Two basic filesystem tools, using the pathlib code from earlier:

from pathlib import Path

def list_folder(path: str) -> str:
    """List the files and folders inside a folder."""
    items = [p.name for p in Path(path).iterdir()]
    return "\n".join(items)

def read_file(path: str, line_numbers: bool = False) -> str:
    """Read a file's contents, optionally with line numbers."""
    text = Path(path).read_text()
    if line_numbers:
        lines = text.splitlines()
        return "\n".join(f"{i+1}: {line}" for i, line in enumerate(lines))
    return text

Tools: Describing Them to the Model

The OpenAI API wants a JSON description of each tool, with a schema for its arguments.

tools = [
    {
        "type": "function",
        "function": {
            "name": "list_folder",
            "description": "List the files and folders inside a folder.",
            "parameters": {
                "type": "object",
                "properties": {
                    "path": {"type": "string", "description": "Path to the folder"}
                },
                "required": ["path"],
            },
        },
    },
    {
        "type": "function",
        "function": {
            "name": "read_file",
            "description": "Read a file's contents, optionally prefixed with line numbers.",
            "parameters": {
                "type": "object",
                "properties": {
                    "path": {"type": "string", "description": "Path to the file"},
                    "line_numbers": {"type": "boolean", "description": "Include line numbers?"},
                },
                "required": ["path"],
            },
        },
    },
]

The llm library generated this for us automatically from the function’s type hints; here we write it by hand. (Tip: ask an LLM to do it for you!)

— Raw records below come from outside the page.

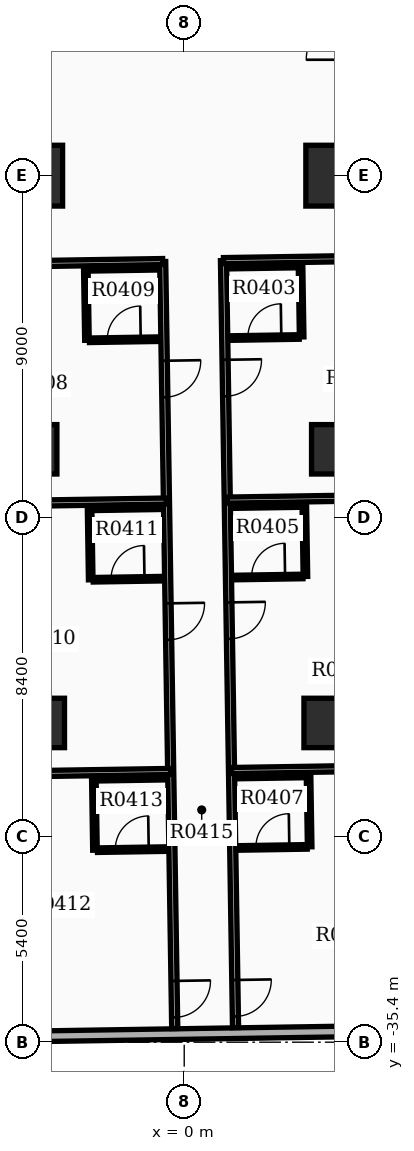
"""IFC4 building model, lengths in metres.
Left out: names, types, materials, properties, quantities, classifications, styles, units other than length and angle.
Written with IfcOpenShell. Run it as: python <this file> out.ifc"""

import sys

from ifc_helpers import new_model, si_unit, direction, frame, frame_2d, origin, origin_2d, place, context, subcontext, project, spatial, rectangle, extrude, element, fill, save


model = new_model("IFC4")
c1 = context("Model", 3, precision=1e-05, world=origin(), true_north=direction((0.0, 1.0)))
c2 = subcontext(c1, "Body", "Model", "MODEL_VIEW")
j1 = project(units=[si_unit("LENGTHUNIT", "METRE"), si_unit("PLANEANGLEUNIT", "RADIAN")], contexts=[c1])
p1 = place(None, origin())
s1 = spatial("IfcSite", under=j1, at=p1, CompositionType="ELEMENT")
p2 = place(p1, origin())
s2 = spatial("IfcBuilding", under=s1, at=p2, CompositionType="ELEMENT")
p3 = place(p2, frame((0.0, 0.0, 27.6)))
s3 = spatial("IfcBuildingStorey", under=s2, at=p3, CompositionType="ELEMENT", Elevation=27.6)
for number, where, z_axis, x_axis in (
    (1, (-4.0, -12.6, 0.0), (0.0, 0.0, 1.0), (1.0, 0.0, 0.0)),
    (2, (4.0, -12.6, 0.0), (0.0, 0.0, 1.0), (1.0, 0.0, 0.0)),
):
    element("IfcColumn", number, at=place(p3, frame(where, z_axis=z_axis, x_axis=x_axis)), inside=s3, PredefinedType="COLUMN", context=c2, shape_type="SweptSolid", body=[
        extrude(rectangle(XDim=1.6, YDim=1.6, at=origin_2d()), origin(), (0.0, 0.0, 1.0), 3.9),
    ])
for number, where, z_axis, x_axis in (
    (3, (-4.0, -19.8, 0.0), (0.0, 0.0, 1.0), (1.0, 0.0, 0.0)),
    (4, (4.0, -19.8, 0.0), (0.0, 0.0, 1.0), (1.0, 0.0, 0.0)),
    (5, (-3.8, -27.0, 0.0), (0.0, 0.0, 1.0), (1.0, 0.0, 0.0)),
    (6, (3.8, -27.0, 0.0), (0.0, 0.0, 1.0), (1.0, 0.0, 0.0)),
):
    element("IfcColumn", number, at=place(p3, frame(where, z_axis=z_axis, x_axis=x_axis)), inside=s3, PredefinedType="COLUMN", context=c2, shape_type="SweptSolid", body=[
        extrude(rectangle(XDim=1.3, YDim=1.3, at=origin_2d()), origin(), (0.0, 0.0, 1.0), 3.9),
    ])
p4 = place(p3, frame((-6.307, -35.283, 0.0), z_axis=(0.0, 0.0, 1.0), x_axis=(0.999876549481, 0.015712599986, 0.0)))
e7 = element("IfcWall", 7, at=p4, inside=s3, PredefinedType="STANDARD", context=c2, shape_type="SweptSolid", body=[
    extrude(rectangle(XDim=13.72, YDim=0.28, at=frame_2d((6.86, 0.0))), origin(), (0.0, 0.0, 1.0), 2.91),
])
p5 = place(p4, frame((0.85, 0.0, 0.85)))
e8 = element("IfcOpeningElement", 8, at=p5, cuts=e7, PredefinedType="OPENING", context=c2, shape_type="SweptSolid", body=[
    extrude(rectangle(XDim=1.0, YDim=1.5, at=frame_2d((0.5, 0.75))), frame((0.0, 0.15, 0.0), z_axis=(0.0, -1.0, 0.0), x_axis=(1.0, 0.0, 0.0)), (0.0, 0.0, 1.0), 0.3),
])
p6 = place(p3, frame((1.033, -14.836, 0.0), z_axis=(0.0, 0.0, 1.0), x_axis=(0.015701893165, -0.999876717676, 0.0)))
e9 = element("IfcWall", 9, at=p6, inside=s3, PredefinedType="PARTITIONING", context=c2, shape_type="SweptSolid", body=[
    extrude(rectangle(XDim=20.182, YDim=0.16, at=frame_2d((10.091, 0.0))), origin(), (0.0, 0.0, 1.0), 2.9),
])
p7 = place(p6, frame((2.61, 0.0, 0.0)))
e10 = element("IfcOpeningElement", 10, at=p7, cuts=e9, PredefinedType="OPENING", context=c2, shape_type="SweptSolid", body=[
    extrude(rectangle(XDim=0.96, YDim=2.15, at=frame_2d((0.48, 1.075))), frame((0.0, 0.09, 0.0), z_axis=(0.0, -1.0, 0.0), x_axis=(1.0, 0.0, 0.0)), (0.0, 0.0, 1.0), 0.18),
])
p8 = place(p6, frame((8.994, 0.0, 0.0)))
e11 = element("IfcOpeningElement", 11, at=p8, cuts=e9, PredefinedType="OPENING", context=c2, shape_type="SweptSolid", body=[
    extrude(rectangle(XDim=0.96, YDim=2.15, at=frame_2d((0.48, 1.075))), frame((0.0, 0.09, 0.0), z_axis=(0.0, -1.0, 0.0), x_axis=(1.0, 0.0, 0.0)), (0.0, 0.0, 1.0), 0.18),
])
p9 = place(p6, frame((18.93, 0.0, 0.0)))
e12 = element("IfcOpeningElement", 12, at=p9, cuts=e9, PredefinedType="OPENING", context=c2, shape_type="SweptSolid", body=[
    extrude(rectangle(XDim=0.96, YDim=2.15, at=frame_2d((0.48, 1.075))), frame((0.0, 0.09, 0.0), z_axis=(0.0, -1.0, 0.0), x_axis=(1.0, 0.0, 0.0)), (0.0, 0.0, 1.0), 0.18),
])
p10 = place(p3, frame((1.033, -14.836, 0.0), z_axis=(0.0, 0.0, 1.0), x_axis=(0.999876548847, 0.015712640343, 0.0)))
e13 = element("IfcWall", 13, at=p10, inside=s3, PredefinedType="PARTITIONING", context=c2, shape_type="SweptSolid", body=[
    extrude(rectangle(XDim=5.92, YDim=0.16, at=frame_2d((2.96, 0.0))), origin(), (0.0, 0.0, 1.0), 2.9),
])
p11 = place(p3, frame((1.132, -21.137, 0.0), z_axis=(0.0, 0.0, 1.0), x_axis=(0.999876865599, 0.015692470796, 0.0)))
e14 = element("IfcWall", 14, at=p11, inside=s3, PredefinedType="PARTITIONING", context=c2, shape_type="SweptSolid", body=[
    extrude(rectangle(XDim=5.772, YDim=0.16, at=frame_2d((2.886, 0.0))), origin(), (0.0, 0.0, 1.0), 2.9),
])
p12 = place(p3, frame((1.205, -16.873, 0.0), z_axis=(0.0, 0.0, 1.0), x_axis=(0.999874722342, 0.015828443418, 0.0)))
e15 = element("IfcWall", 15, at=p12, inside=s3, PredefinedType="PARTITIONING", context=c2, shape_type="SweptSolid", body=[
    extrude(rectangle(XDim=1.82, YDim=0.12, at=frame_2d((0.91, 0.0))), origin(), (0.0, 0.0, 1.0), 2.9),
])
p13 = place(p12, frame((0.47, 0.0, 0.0)))
e16 = element("IfcOpeningElement", 16, at=p13, cuts=e15, PredefinedType="OPENING", context=c2, shape_type="SweptSolid", body=[
    extrude(rectangle(XDim=0.88, YDim=2.1, at=frame_2d((0.44, 1.05))), frame((0.0, 0.07, 0.0), z_axis=(0.0, -1.0, 0.0), x_axis=(1.0, 0.0, 0.0)), (0.0, 0.0, 1.0), 0.14),
])
p14 = place(p3, frame((1.176, -14.993, 0.0), z_axis=(0.0, 0.0, 1.0), x_axis=(0.999876803258, 0.015696442504, 0.0)))
e17 = element("IfcWall", 17, at=p14, inside=s3, PredefinedType="PARTITIONING", context=c2, shape_type="SweptSolid", body=[
    extrude(rectangle(XDim=1.82, YDim=0.12, at=frame_2d((0.91, 0.0))), origin(), (0.0, 0.0, 1.0), 2.9),
])
p15 = place(p3, frame((3.06, -14.964, 0.0), z_axis=(0.0, 0.0, 1.0), x_axis=(0.015714386166, -0.99987652141, 0.0)))
e18 = element("IfcWall", 18, at=p15, inside=s3, PredefinedType="PARTITIONING", context=c2, shape_type="SweptSolid", body=[
    extrude(rectangle(XDim=1.88, YDim=0.12, at=frame_2d((0.94, 0.0))), origin(), (0.0, 0.0, 1.0), 2.9),
])
p16 = place(p3, frame((1.244, -28.252, 0.0), z_axis=(0.0, 0.0, 1.0), x_axis=(0.999876865599, 0.015692470796, 0.0)))
e19 = element("IfcWall", 19, at=p16, inside=s3, PredefinedType="PARTITIONING", context=c2, shape_type="SweptSolid", body=[
    extrude(rectangle(XDim=5.772, YDim=0.16, at=frame_2d((2.886, 0.0))), origin(), (0.0, 0.0, 1.0), 2.9),
])
p17 = place(p3, frame((1.304, -23.174, 0.0), z_axis=(0.0, 0.0, 1.0), x_axis=(0.999876803258, 0.015696442504, 0.0)))
e20 = element("IfcWall", 20, at=p17, inside=s3, PredefinedType="PARTITIONING", context=c2, shape_type="SweptSolid", body=[
    extrude(rectangle(XDim=1.82, YDim=0.12, at=frame_2d((0.91, 0.0))), origin(), (0.0, 0.0, 1.0), 2.9),
])
p18 = place(p17, frame((0.47, 0.0, 0.0)))
e21 = element("IfcOpeningElement", 21, at=p18, cuts=e20, PredefinedType="OPENING", context=c2, shape_type="SweptSolid", body=[
    extrude(rectangle(XDim=0.88, YDim=2.1, at=frame_2d((0.44, 1.05))), frame((0.0, 0.07, 0.0), z_axis=(0.0, -1.0, 0.0), x_axis=(1.0, 0.0, 0.0)), (0.0, 0.0, 1.0), 0.14),
])
p19 = place(p3, frame((1.275, -21.295, 0.0), z_axis=(0.0, 0.0, 1.0), x_axis=(0.999876836305, 0.015694337248, 0.0)))
e22 = element("IfcWall", 22, at=p19, inside=s3, PredefinedType="PARTITIONING", context=c2, shape_type="SweptSolid", body=[
    extrude(rectangle(XDim=1.82, YDim=0.12, at=frame_2d((0.91, 0.0))), origin(), (0.0, 0.0, 1.0), 2.9),
])
p20 = place(p3, frame((3.159, -21.265, 0.0), z_axis=(0.0, 0.0, 1.0), x_axis=(0.01571234584, -0.999876553475, 0.0)))
e23 = element("IfcWall", 23, at=p20, inside=s3, PredefinedType="PARTITIONING", context=c2, shape_type="SweptSolid", body=[
    extrude(rectangle(XDim=1.88, YDim=0.12, at=frame_2d((0.94, 0.0))), origin(), (0.0, 0.0, 1.0), 2.9),
])
p21 = place(p3, frame((1.416, -30.29, 0.0), z_axis=(0.0, 0.0, 1.0), x_axis=(0.999876803258, 0.015696442504, 0.0)))
e24 = element("IfcWall", 24, at=p21, inside=s3, PredefinedType="PARTITIONING", context=c2, shape_type="SweptSolid", body=[
    extrude(rectangle(XDim=1.82, YDim=0.12, at=frame_2d((0.91, 0.0))), origin(), (0.0, 0.0, 1.0), 2.9),
])
p22 = place(p21, frame((0.47, 0.0, 0.0)))
e25 = element("IfcOpeningElement", 25, at=p22, cuts=e24, PredefinedType="OPENING", context=c2, shape_type="SweptSolid", body=[
    extrude(rectangle(XDim=0.88, YDim=2.1, at=frame_2d((0.44, 1.05))), frame((0.0, 0.07, 0.0), z_axis=(0.0, -1.0, 0.0), x_axis=(1.0, 0.0, 0.0)), (0.0, 0.0, 1.0), 0.14),
])
p23 = place(p3, frame((1.386, -28.41, 0.0), z_axis=(0.0, 0.0, 1.0), x_axis=(0.999876836305, 0.015694337248, 0.0)))
e26 = element("IfcWall", 26, at=p23, inside=s3, PredefinedType="PARTITIONING", context=c2, shape_type="SweptSolid", body=[
    extrude(rectangle(XDim=1.82, YDim=0.12, at=frame_2d((0.91, 0.0))), origin(), (0.0, 0.0, 1.0), 2.9),
])
p24 = place(p3, frame((3.271, -28.38, 0.0), z_axis=(0.0, 0.0, 1.0), x_axis=(0.01571234584, -0.999876553475, 0.0)))
e27 = element("IfcWall", 27, at=p24, inside=s3, PredefinedType="PARTITIONING", context=c2, shape_type="SweptSolid", body=[
    extrude(rectangle(XDim=1.88, YDim=0.12, at=frame_2d((0.94, 0.0))), origin(), (0.0, 0.0, 1.0), 2.9),
])
p25 = place(p3, frame((-0.567, -14.861, 0.0), z_axis=(0.0, 0.0, 1.0), x_axis=(0.015713797103, -0.999876530668, 0.0)))
e28 = element("IfcWall", 28, at=p25, inside=s3, PredefinedType="PARTITIONING", context=c2, shape_type="SweptSolid", body=[
    extrude(rectangle(XDim=20.182, YDim=0.16, at=frame_2d((10.091, 0.0))), origin(), (0.0, 0.0, 1.0), 2.9),
])
p26 = place(p25, frame((2.61, 0.0, 0.0)))
e29 = element("IfcOpeningElement", 29, at=p26, cuts=e28, PredefinedType="OPENING", context=c2, shape_type="SweptSolid", body=[
    extrude(rectangle(XDim=0.96, YDim=2.15, at=frame_2d((0.48, 1.075))), frame((0.0, 0.09, 0.0), z_axis=(0.0, -1.0, 0.0), x_axis=(1.0, 0.0, 0.0)), (0.0, 0.0, 1.0), 0.18),
])
p27 = place(p25, frame((8.994, 0.0, 0.0)))
e30 = element("IfcOpeningElement", 30, at=p27, cuts=e28, PredefinedType="OPENING", context=c2, shape_type="SweptSolid", body=[
    extrude(rectangle(XDim=0.96, YDim=2.15, at=frame_2d((0.48, 1.075))), frame((0.0, 0.09, 0.0), z_axis=(0.0, -1.0, 0.0), x_axis=(1.0, 0.0, 0.0)), (0.0, 0.0, 1.0), 0.18),
])
p28 = place(p25, frame((18.93, 0.0, 0.0)))
e31 = element("IfcOpeningElement", 31, at=p28, cuts=e28, PredefinedType="OPENING", context=c2, shape_type="SweptSolid", body=[
    extrude(rectangle(XDim=0.96, YDim=2.15, at=frame_2d((0.48, 1.075))), frame((0.0, 0.09, 0.0), z_axis=(0.0, -1.0, 0.0), x_axis=(1.0, 0.0, 0.0)), (0.0, 0.0, 1.0), 0.18),
])
p29 = place(p3, frame((-0.567, -14.861, 0.0), z_axis=(0.0, 0.0, 1.0), x_axis=(-0.999876548847, -0.015712640343, 0.0)))
e32 = element("IfcWall", 32, at=p29, inside=s3, PredefinedType="PARTITIONING", context=c2, shape_type="SweptSolid", body=[
    extrude(rectangle(XDim=5.92, YDim=0.16, at=frame_2d((2.96, 0.0))), origin(), (0.0, 0.0, 1.0), 2.9),
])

Tools: The Conversation Loop

Ask the model, run any tools it requests, feed results back, repeat until it’s done.

import json

messages = [{"role": "user", "content":
    f"What files are in {data_dir}? Summarize what one of them says."}]

while True:
    response = client.chat.completions.create(
        model=MODEL, messages=messages, tools=tools,
        extra_body=NO_THINKING)
    message = response.choices[0].message
    messages.append(message)

    if not message.tool_calls:
        break

    for tool_call in message.tool_calls:
        name = tool_call.function.name
        args = json.loads(tool_call.function.arguments)
        print(f"Model called {name}({args})")
        if name == "list_folder":
            result = list_folder(**args)
        elif name == "read_file":
            result = read_file(**args)
        print(f"Tool result:\n{result}")
        messages.append({
            "role": "tool",
            "tool_call_id": tool_call.id,
            "content": result,
        })

print(message.content)
Model called list_folder({'path': '/Users/ka37/cs108-example-data'})
Tool result:
file2.txt
file3.txt
file1.txt
The files in `/Users/ka37/cs108-example-data` are:
- file1.txt
- file2.txt
- file3.txt

Here is a summary of **file1.txt**:

It appears to be a simple introductory text file that likely states: "This is file number 1." or serves as a placeholder to demonstrate file handling capabilities in the CS108 course materials.